金天坦然一笑,拍拍小宝肮脏的肩膀,道:“我们是师兄弟。”
“三年前,为了我哥哥大宝的惨死,我质问黑白,结果果真是他杀了我哥哥,于是在一天夜里,我趁他熟睡之后,挥剑刺杀他,被他收养的走狗黑心锤主挡住了,就这样,黑白一怒之下把我关了起来。”
小宝悲愤地道。
“黑白已经赶往佛门,我们去找他。”
金天拉起小宝纵身一跃,便又重新跳上黑白殿,殿上的中央大厅里,黑心锤主可歌身体已经紫黑并僵硬地死去了。
金天看着黑心锤主可歌的尸体,道:“罪有应得。”
“金天,还我哥哥的命来。”
又是一个凶汉挥舞着双锤砸向金天。
“黑心三锤,既然你们都想找死,别怪金天下手毒辣。”
金天翻身躲过黑心三锤之老三可能的两把铁锤,只是重力出击下的狠狠一掌,就把黑心三锤主可能给震飞了。
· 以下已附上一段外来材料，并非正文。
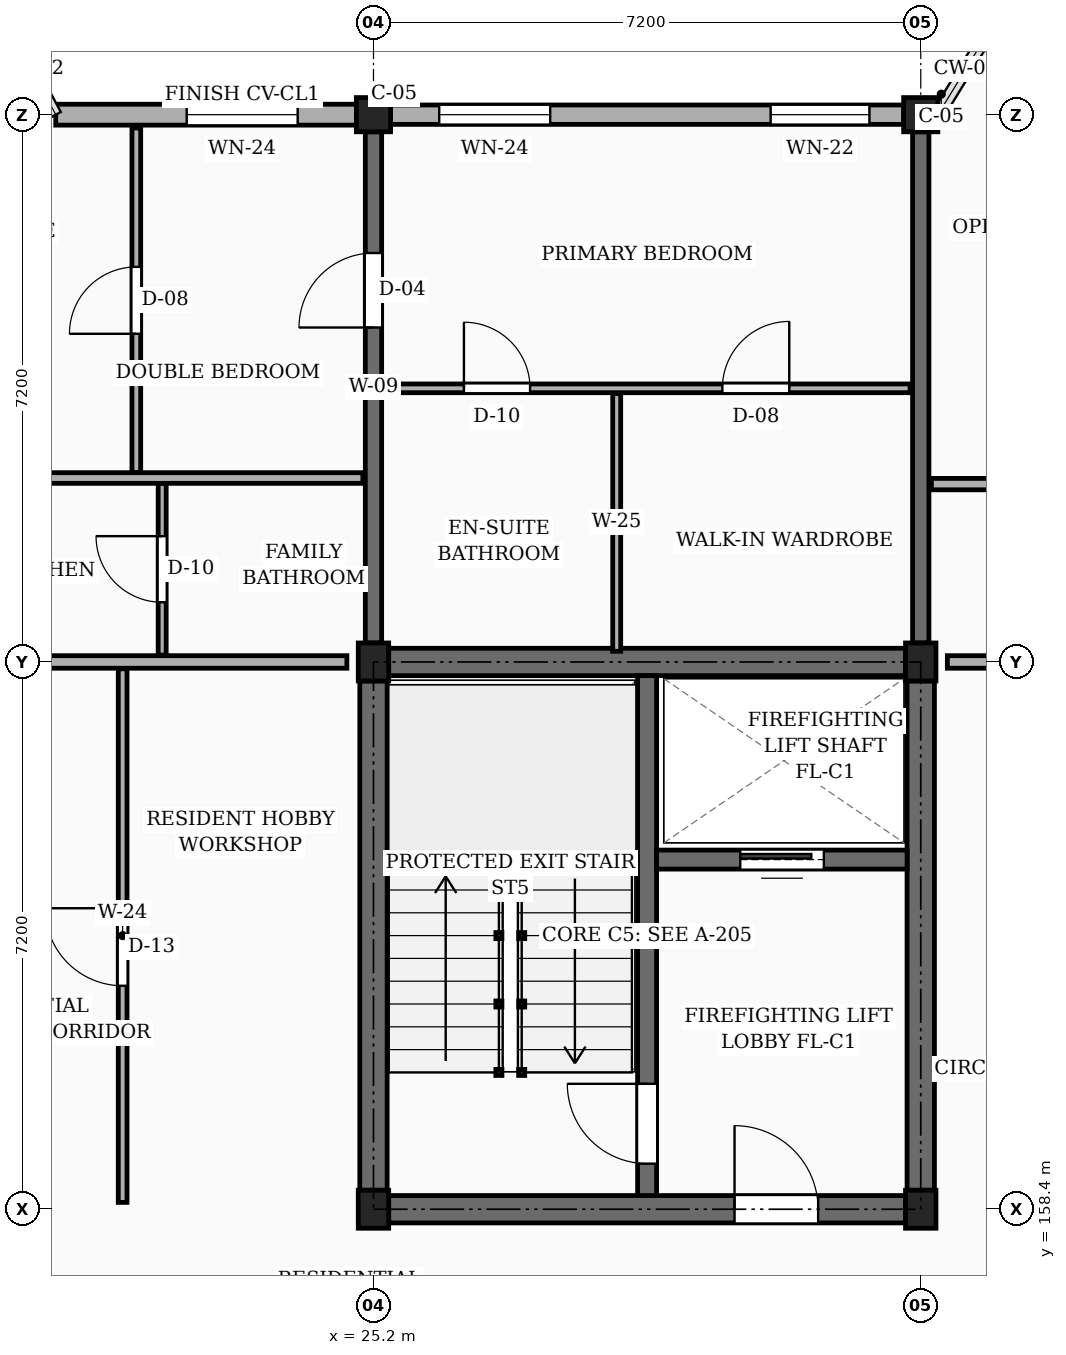
"""IFC4 building model, lengths in metres.
Left out: names, types, materials, properties, quantities, classifications, styles, units other than length and angle.
Written with IfcOpenShell. Run it as: python <this file> out.ifc"""

import sys

from ifc_helpers import new_model, si_unit, direction, frame, frame_2d, origin, origin_2d, place, context, subcontext, project, spatial, rectangle, extrude, element, fill, save


model = new_model("IFC4")
c1 = context("Model", 3, precision=1e-05, world=origin(), true_north=direction((0.0, 1.0)))
c2 = subcontext(c1, "Body", "Model", "MODEL_VIEW")
j1 = project(units=[si_unit("LENGTHUNIT", "METRE"), si_unit("PLANEANGLEUNIT", "RADIAN")], contexts=[c1])
p1 = place(None, origin())
s1 = spatial("IfcSite", under=j1, at=p1, CompositionType="ELEMENT")
p2 = place(p1, origin())
s2 = spatial("IfcBuilding", under=s1, at=p2, CompositionType="ELEMENT")
p3 = place(p2, frame((0.0, 0.0, 36.0)))
s3 = spatial("IfcBuildingStorey", under=s2, at=p3, CompositionType="ELEMENT", Elevation=36.0)
for number, where, z_axis, x_axis in (
    (1, (25.2, 158.4, 0.0), (0.0, 0.0, 1.0), (1.0, 0.0, 0.0)),
    (2, (25.2, 165.6, 0.0), (0.0, 0.0, 1.0), (1.0, 0.0, 0.0)),
):
    element("IfcColumn", number, at=place(p3, frame(where, z_axis=z_axis, x_axis=x_axis)), inside=s3, PredefinedType="COLUMN", context=c2, shape_type="SweptSolid", body=[
        extrude(rectangle(XDim=0.4, YDim=0.5, at=origin_2d()), origin(), (0.0, 0.0, 1.0), 3.15),
    ])
p4 = place(p3, frame((25.2, 172.8, 0.0), z_axis=(0.0, 0.0, 1.0), x_axis=(1.0, 0.0, 0.0)))
e3 = element("IfcColumn", 3, at=p4, inside=s3, PredefinedType="COLUMN", context=c2, shape_type="SweptSolid", body=[
    extrude(rectangle(XDim=0.45, YDim=0.45, at=origin_2d()), origin(), (0.0, 0.0, 1.0), 3.15),
])
for number, where, z_axis, x_axis in (
    (4, (32.4, 158.4, 0.0), (0.0, 0.0, 1.0), (1.0, 0.0, 0.0)),
    (5, (32.4, 165.6, 0.0), (0.0, 0.0, 1.0), (1.0, 0.0, 0.0)),
):
    element("IfcColumn", number, at=place(p3, frame(where, z_axis=z_axis, x_axis=x_axis)), inside=s3, PredefinedType="COLUMN", context=c2, shape_type="SweptSolid", body=[
        extrude(rectangle(XDim=0.4, YDim=0.5, at=origin_2d()), origin(), (0.0, 0.0, 1.0), 3.15),
    ])
p5 = place(p3, frame((32.4, 172.8, 0.0), z_axis=(0.0, 0.0, 1.0), x_axis=(1.0, 0.0, 0.0)))
e6 = element("IfcColumn", 6, at=p5, inside=s3, PredefinedType="COLUMN", context=c2, shape_type="SweptSolid", body=[
    extrude(rectangle(XDim=0.45, YDim=0.45, at=origin_2d()), origin(), (0.0, 0.0, 1.0), 3.15),
])
p6 = place(p3, frame((25.2, 165.85, 0.0), z_axis=(0.0, 0.0, 1.0), x_axis=(0.0, 1.0, 0.0)))
e7 = element("IfcWall", 7, at=p6, inside=s3, PredefinedType="SOLIDWALL", context=c2, shape_type="SweptSolid", body=[
    extrude(rectangle(XDim=6.725, YDim=0.215, at=frame_2d((3.362, 0.0))), origin(), (0.0, 0.0, 1.0), 2.185),
])
p7 = place(p6, frame((4.15, 0.0, 0.0)))
e8 = element("IfcOpeningElement", 8, at=p7, cuts=e7, PredefinedType="OPENING", context=c2, shape_type="SweptSolid", body=[
    extrude(rectangle(XDim=0.98, YDim=2.12, at=frame_2d((0.49, 1.06))), frame((0.0, 0.118, 0.0), z_axis=(0.0, -1.0, 0.0), x_axis=(1.0, 0.0, 0.0)), (0.0, 0.0, 1.0), 0.235),
])
p8 = place(p3, frame((32.4, 165.85, 0.0), z_axis=(0.0, 0.0, 1.0), x_axis=(0.0, 1.0, 0.0)))
e9 = element("IfcWall", 9, at=p8, inside=s3, PredefinedType="SOLIDWALL", context=c2, shape_type="SweptSolid", body=[
    extrude(rectangle(XDim=6.725, YDim=0.215, at=frame_2d((3.362, 0.0))), origin(), (0.0, 0.0, 1.0), 2.185),
])
p9 = place(p3, frame((32.175, 172.8, 0.0), z_axis=(0.0, 0.0, 1.0), x_axis=(-1.0, 0.0, 0.0)))
e10 = element("IfcWall", 10, at=p9, inside=s3, PredefinedType="SOLIDWALL", context=c2, shape_type="SweptSolid", body=[
    extrude(rectangle(XDim=6.75, YDim=0.255, at=frame_2d((3.375, 0.0))), origin(), (0.0, 0.0, 1.0), 2.455),
])
p10 = place(p9, frame((0.45, 0.0, 0.78)))
e11 = element("IfcOpeningElement", 11, at=p10, cuts=e10, PredefinedType="OPENING", context=c2, shape_type="SweptSolid", body=[
    extrude(rectangle(XDim=1.3, YDim=1.36, at=frame_2d((0.65, 0.68))), frame((0.0, 0.137, 0.0), z_axis=(0.0, -1.0, 0.0), x_axis=(1.0, 0.0, 0.0)), (0.0, 0.0, 1.0), 0.275),
])
p11 = place(p9, frame((4.65, 0.0, 0.78)))
e12 = element("IfcOpeningElement", 12, at=p11, cuts=e10, PredefinedType="OPENING", context=c2, shape_type="SweptSolid", body=[
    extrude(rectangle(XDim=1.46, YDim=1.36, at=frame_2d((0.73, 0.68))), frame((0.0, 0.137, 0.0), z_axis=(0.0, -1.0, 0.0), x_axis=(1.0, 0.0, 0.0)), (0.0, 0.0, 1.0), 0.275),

黑白殿中的二三十名黑心三锤主培养的打手们全都在这时围上了金天和小宝。
金天护住小宝,捡起了落在地上的铁锤,道“我并不想大开杀戒,挡我道者死。”
金天杀气腾腾,踏着坚实的脚步朝山下走去,身后紧跟着一块下山的小宝,一个个挡道者都倒下了。
有一个满脸痛苦的将死之人伸出带血的无力手指指向前方“毒剑金天…真的出手狠毒。”
这才是真正的毒剑金天,哪个在江湖上杀人无数的毒剑金天,哪个我们谁也不愿意见到的毒剑金天。
看着仍在往下滴血的铁锤,踏过倒下的尸体,金天阴狠的外表下也有一股不忍心的怜惜,但想起月儿和铁龙、乐儿的死,他宁可枉杀一万,也要报仇。
一股耀眼的光芒射向金天的眼际,这是伟大的太阳之光,这是大地的母亲,而金天,却不感抬头再看上苍,因为老天爷看见了他太多罪恶。